Künftig sollen Förderanträge aus der Plastischen Chirurgie bei der DGPRÄC dokumentiert und veröffentlicht werden, um so auch für die großen Förderinstitutionen das akademische Engagement des Fachgebiets transparenter zu gestalten. Hierfür wurde eine Internetplattform neu eingerichtet, die es erlaubt jeden Antrag bereits bei Antragstellung zu dokumentieren. Derzeit ist dies unter https://docs.google.com/forms/d/e/1FAIpQLSd1
hse3So_xZ0PXhSgC3aO1HuzCXw-wIYE0RZvDVlw-ZbVU0w/ angesiedelt ([Abb. 1 ]). Dabei sollen auch nicht-öffentliche Fördermittel-Institutionen mit einbezogen werden. Mittelfristig ist die Integration des Registers in die Webseite der DGPRÄC vorgesehen. Dort sollen künftig die einzelnen geförderten Projekte mit einer einheitlichen Maske sichtbar gemacht werden. Gleichzeitig soll in regelmäßigen Abständen ein Bericht zur Forschungsförderung in der Plastischen Chirurgie publiziert werden. Durch diese Initiative kann eine differenziertere Beurteilung der tatsächlichen Leistungsentwicklung in der Forschung sowohl im Fachgebiet als auch nach außen hin erwartet werden.

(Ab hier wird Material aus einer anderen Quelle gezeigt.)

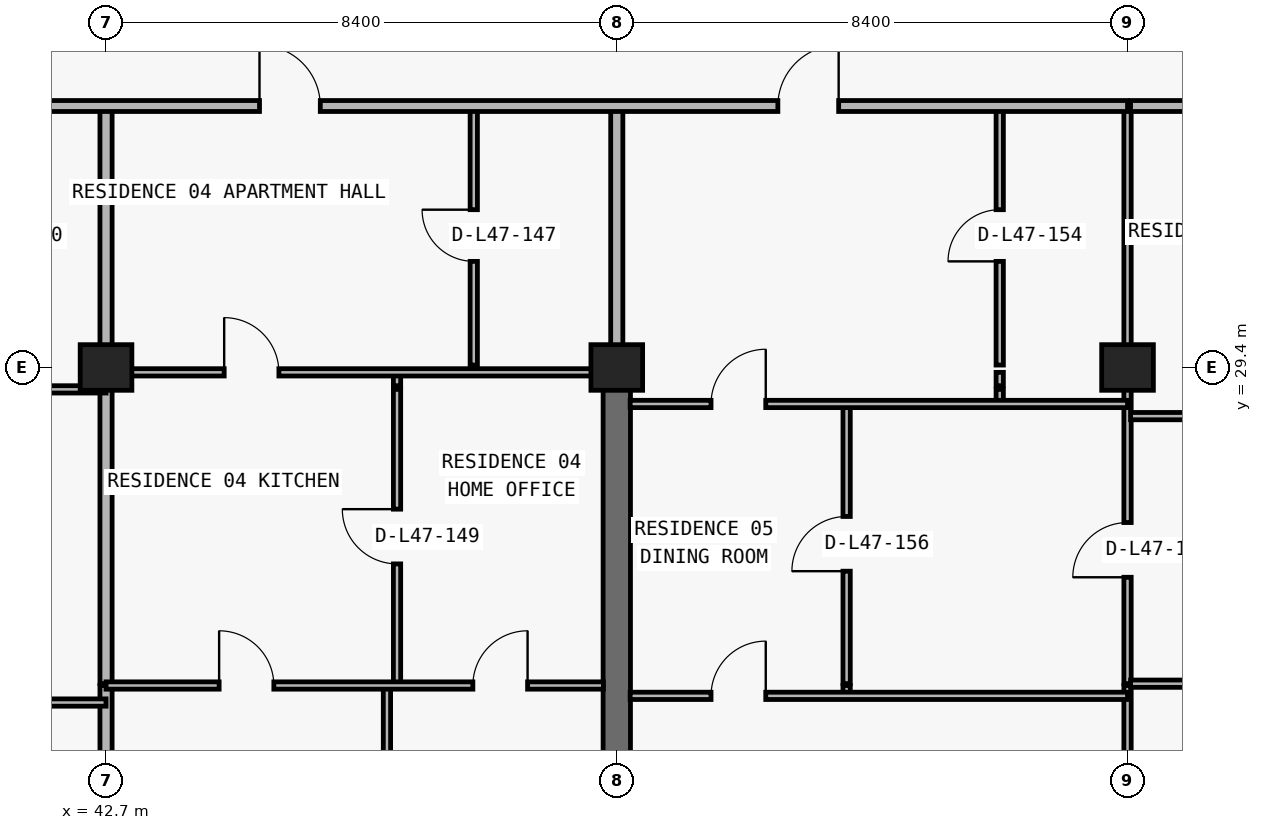
"""IFC4 building model, lengths in metres.
Left out: names, types, materials, properties, quantities, classifications, styles, units other than length and angle.
Written with IfcOpenShell. Run it as: python <this file> out.ifc"""

import sys

from ifc_helpers import new_model, si_unit, direction, frame, frame_2d, origin, origin_2d, place, context, subcontext, project, spatial, rectangle, extrude, element, fill, save


model = new_model("IFC4")
c1 = context("Model", 3, precision=1e-05, world=origin(), true_north=direction((0.0, 1.0)))
c2 = subcontext(c1, "Body", "Model", "MODEL_VIEW")
j1 = project(units=[si_unit("LENGTHUNIT", "METRE"), si_unit("PLANEANGLEUNIT", "RADIAN")], contexts=[c1])
p1 = place(None, origin())
s1 = spatial("IfcSite", under=j1, at=p1, CompositionType="ELEMENT")
p2 = place(p1, origin())
s2 = spatial("IfcBuilding", under=s1, at=p2, CompositionType="ELEMENT")
p3 = place(p2, frame((0.0, 0.0, 170.4)))
s3 = spatial("IfcBuildingStorey", under=s2, at=p3, CompositionType="ELEMENT", Elevation=170.4)
for number, where, z_axis, x_axis in (
    (1, (42.7, 29.4, 0.0), (0.0, 0.0, 1.0), (1.0, 0.0, 0.0)),
    (2, (51.1, 29.4, 0.0), (0.0, 0.0, 1.0), (1.0, 0.0, 0.0)),
    (3, (59.5, 29.4, 0.0), (0.0, 0.0, 1.0), (1.0, 0.0, 0.0)),
):
    element("IfcColumn", number, at=place(p3, frame(where, z_axis=z_axis, x_axis=x_axis)), inside=s3, PredefinedType="COLUMN", context=c2, shape_type="SweptSolid", body=[
        extrude(rectangle(XDim=0.85, YDim=0.75, at=origin_2d()), origin(), (0.0, 0.0, 1.0), 3.05),
    ])
p4 = place(p3, frame((51.1, 20.8, 0.0), z_axis=(0.0, 0.0, 1.0), x_axis=(0.0, 1.0, 0.0)))
e4 = element("IfcWall", 4, at=p4, inside=s3, PredefinedType="SHEAR", context=c2, shape_type="SweptSolid", body=[
    extrude(rectangle(XDim=8.6, YDim=0.45, at=frame_2d((4.3, 0.0))), origin(), (0.0, 0.0, 1.0), 3.05),
])
p5 = place(p3, frame((42.7, 11.24, 0.0), z_axis=(0.0, 0.0, 1.0), x_axis=(0.0, 1.0, 0.0)))
e5 = element("IfcWall", 5, at=p5, inside=s3, PredefinedType="PARTITIONING", context=c2, shape_type="SweptSolid", body=[
    extrude(rectangle(XDim=12.93, YDim=0.2, at=frame_2d((6.465, 0.0))), origin(), (0.0, 0.0, 1.0), 2.263),
])
p6 = place(p3, frame((42.7, 24.2, 0.0), z_axis=(0.0, 0.0, 1.0), x_axis=(0.0, 1.0, 0.0)))
e6 = element("IfcWall", 6, at=p6, inside=s3, PredefinedType="PARTITIONING", context=c2, shape_type="SweptSolid", body=[
    extrude(rectangle(XDim=4.84, YDim=0.2, at=frame_2d((2.42, 0.0))), origin(), (0.0, 0.0, 1.0), 2.263),
])
p7 = place(p3, frame((42.7, 29.1, 0.0), z_axis=(0.0, 0.0, 1.0), x_axis=(0.0, 1.0, 0.0)))
e7 = element("IfcWall", 7, at=p7, inside=s3, PredefinedType="PARTITIONING", context=c2, shape_type="SweptSolid", body=[
    extrude(rectangle(XDim=0.22, YDim=0.2, at=frame_2d((0.11, 0.0))), origin(), (0.0, 0.0, 1.0), 3.05),
])
p8 = place(p3, frame((42.7, 29.44, 0.0), z_axis=(0.0, 0.0, 1.0), x_axis=(0.0, 1.0, 0.0)))
e8 = element("IfcWall", 8, at=p8, inside=s3, PredefinedType="PARTITIONING", context=c2, shape_type="SweptSolid", body=[
    extrude(rectangle(XDim=4.26, YDim=0.2, at=frame_2d((2.13, 0.0))), origin(), (0.0, 0.0, 1.0), 2.263),
])
p9 = place(p3, frame((47.32, 11.24, 0.0), z_axis=(0.0, 0.0, 1.0), x_axis=(0.0, 1.0, 0.0)))
e9 = element("IfcWall", 9, at=p9, inside=s3, PredefinedType="PARTITIONING", context=c2, shape_type="SweptSolid", body=[
    extrude(rectangle(XDim=12.93, YDim=0.12, at=frame_2d((6.465, 0.0))), origin(), (0.0, 0.0, 1.0), 3.05),
])
p10 = place(p3, frame((47.486, 24.2, 0.0), z_axis=(0.0, 0.0, 1.0), x_axis=(0.0, 1.0, 0.0)))
e10 = element("IfcWall", 10, at=p10, inside=s3, PredefinedType="PARTITIONING", context=c2, shape_type="SweptSolid", body=[
    extrude(rectangle(XDim=4.84, YDim=0.12, at=frame_2d((2.42, 0.0))), origin(), (0.0, 0.0, 1.0), 3.05),
])
p11 = place(p10, frame((1.97, 0.0, 0.0)))
e11 = element("IfcOpeningElement", 11, at=p11, cuts=e10, PredefinedType="OPENING", context=c2, shape_type="SweptSolid", body=[
    extrude(rectangle(XDim=0.9, YDim=2.15, at=frame_2d((0.45, 1.075))), frame((0.0, 0.07, 0.0), z_axis=(0.0, -1.0, 0.0), x_axis=(1.0, 0.0, 0.0)), (0.0, 0.0, 1.0), 0.14),
])
p12 = place(p3, frame((47.486, 29.1, 0.0), z_axis=(0.0, 0.0, 1.0), x_axis=(0.0, 1.0, 0.0)))
e12 = element("IfcWall", 12, at=p12, inside=s3, PredefinedType="PARTITIONING", context=c2, shape_type="SweptSolid", body=[
    extrude(rectangle(XDim=0.22, YDim=0.12, at=frame_2d((0.11, 0.0))), origin(), (0.0, 0.0, 1.0), 3.05),
])
p13 = place(p3, frame((48.748, 29.44, 0.0), z_axis=(0.0, 0.0, 1.0), x_axis=(0.0, 1.0, 0.0)))
e13 = element("IfcWall", 13, at=p13, inside=s3, PredefinedType="PARTITIONING", context=c2, shape_type="SweptSolid", body=[
    extrude(rectangle(XDim=4.26, YDim=0.12, at=frame_2d((2.13, 0.0))), origin(), (0.0, 0.0, 1.0), 3.05),
])
p14 = place(p13, frame((1.705, 0.0, 0.0)))
e14 = element("IfcOpeningElement", 14, at=p14, cuts=e13, PredefinedType="OPENING", context=c2, shape_type="SweptSolid", body=[
    extrude(rectangle(XDim=0.85, YDim=2.1, at=frame_2d((0.425, 1.05))), frame((0.0, 0.07, 0.0), z_axis=(0.0, -1.0, 0.0), x_axis=(1.0, 0.0, 0.0)), (0.0, 0.0, 1.0), 0.14),
])
p15 = place(p3, frame((51.1, 29.44, 0.0), z_axis=(0.0, 0.0, 1.0), x_axis=(0.0, 1.0, 0.0)))
e15 = element("IfcWall", 15, at=p15, inside=s3, PredefinedType="PARTITIONING", context=c2, shape_type="SweptSolid", body=[
    extrude(rectangle(XDim=4.26, YDim=0.2, at=frame_2d((2.13, 0.0))), origin(), (0.0, 0.0, 1.0), 2.335),
])
p16 = place(p3, frame((54.88, 24.0, 0.0), z_axis=(0.0, 0.0, 1.0), x_axis=(0.0, 1.0, 0.0)))
e16 = element("IfcWall", 16, at=p16, inside=s3, PredefinedType="PARTITIONING", context=c2, shape_type="SweptSolid", body=[
    extrude(rectangle(XDim=0.17, YDim=0.12, at=frame_2d((0.085, 0.0))), origin(), (0.0, 0.0, 1.0), 3.05),
])
p17 = place(p3, frame((54.88, 24.2, 0.0), z_axis=(0.0, 0.0, 1.0), x_axis=(0.0, 1.0, 0.0)))
e17 = element("IfcWall", 17, at=p17, inside=s3, PredefinedType="PARTITIONING", context=c2, shape_type="SweptSolid", body=[
    extrude(rectangle(XDim=4.6, YDim=0.12, at=frame_2d((2.3, 0.0))), origin(), (0.0, 0.0, 1.0), 3.05),
])
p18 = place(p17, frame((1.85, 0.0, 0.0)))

Abb. 1 Website der DGPRÄC zur Dokumentation der Forschungsförderung im Register unter https://docs.google.com/forms/d/e/1FAIpQLSd1hse3So_
xZ0PXhSgC3aO1HuzCXw-wIYE0RZvDVlw-ZbVU0w/viewform. .
Ausblick
Im Sommer 2016 haben Bund und Ländern mit der Exzellenzstrategie [10 ], dem Programm zur Förderung der Innovativen Hochschule [11 ]
[12 ] sowie einem Programm zur Förderung des wissenschaftlichen Nachwuchses [13 ] 3 milliardenschwere Pakte zur Förderung von Wissenschaft und Forschung in Deutschland beschlossen.
Die universitär tätigen Plastischen Chirurgen der Deutschen Gesellschaft der Plastischen, Rekonstruktiven und Ästhetischen Chirurgen (DGPRÄC) beabsichtigen zu prüfen, inwieweit die Möglichkeit besteht, aus diesen Programmen Mittel zur Förderung von Forschungsvorhaben auch der Plastischen Chirurgie einzuwerben. Damit könnte sich weitere Chancen ergeben, die Forschungsleistung in der Plastischen Chirurgie künftig stärker sichtbar zu machen.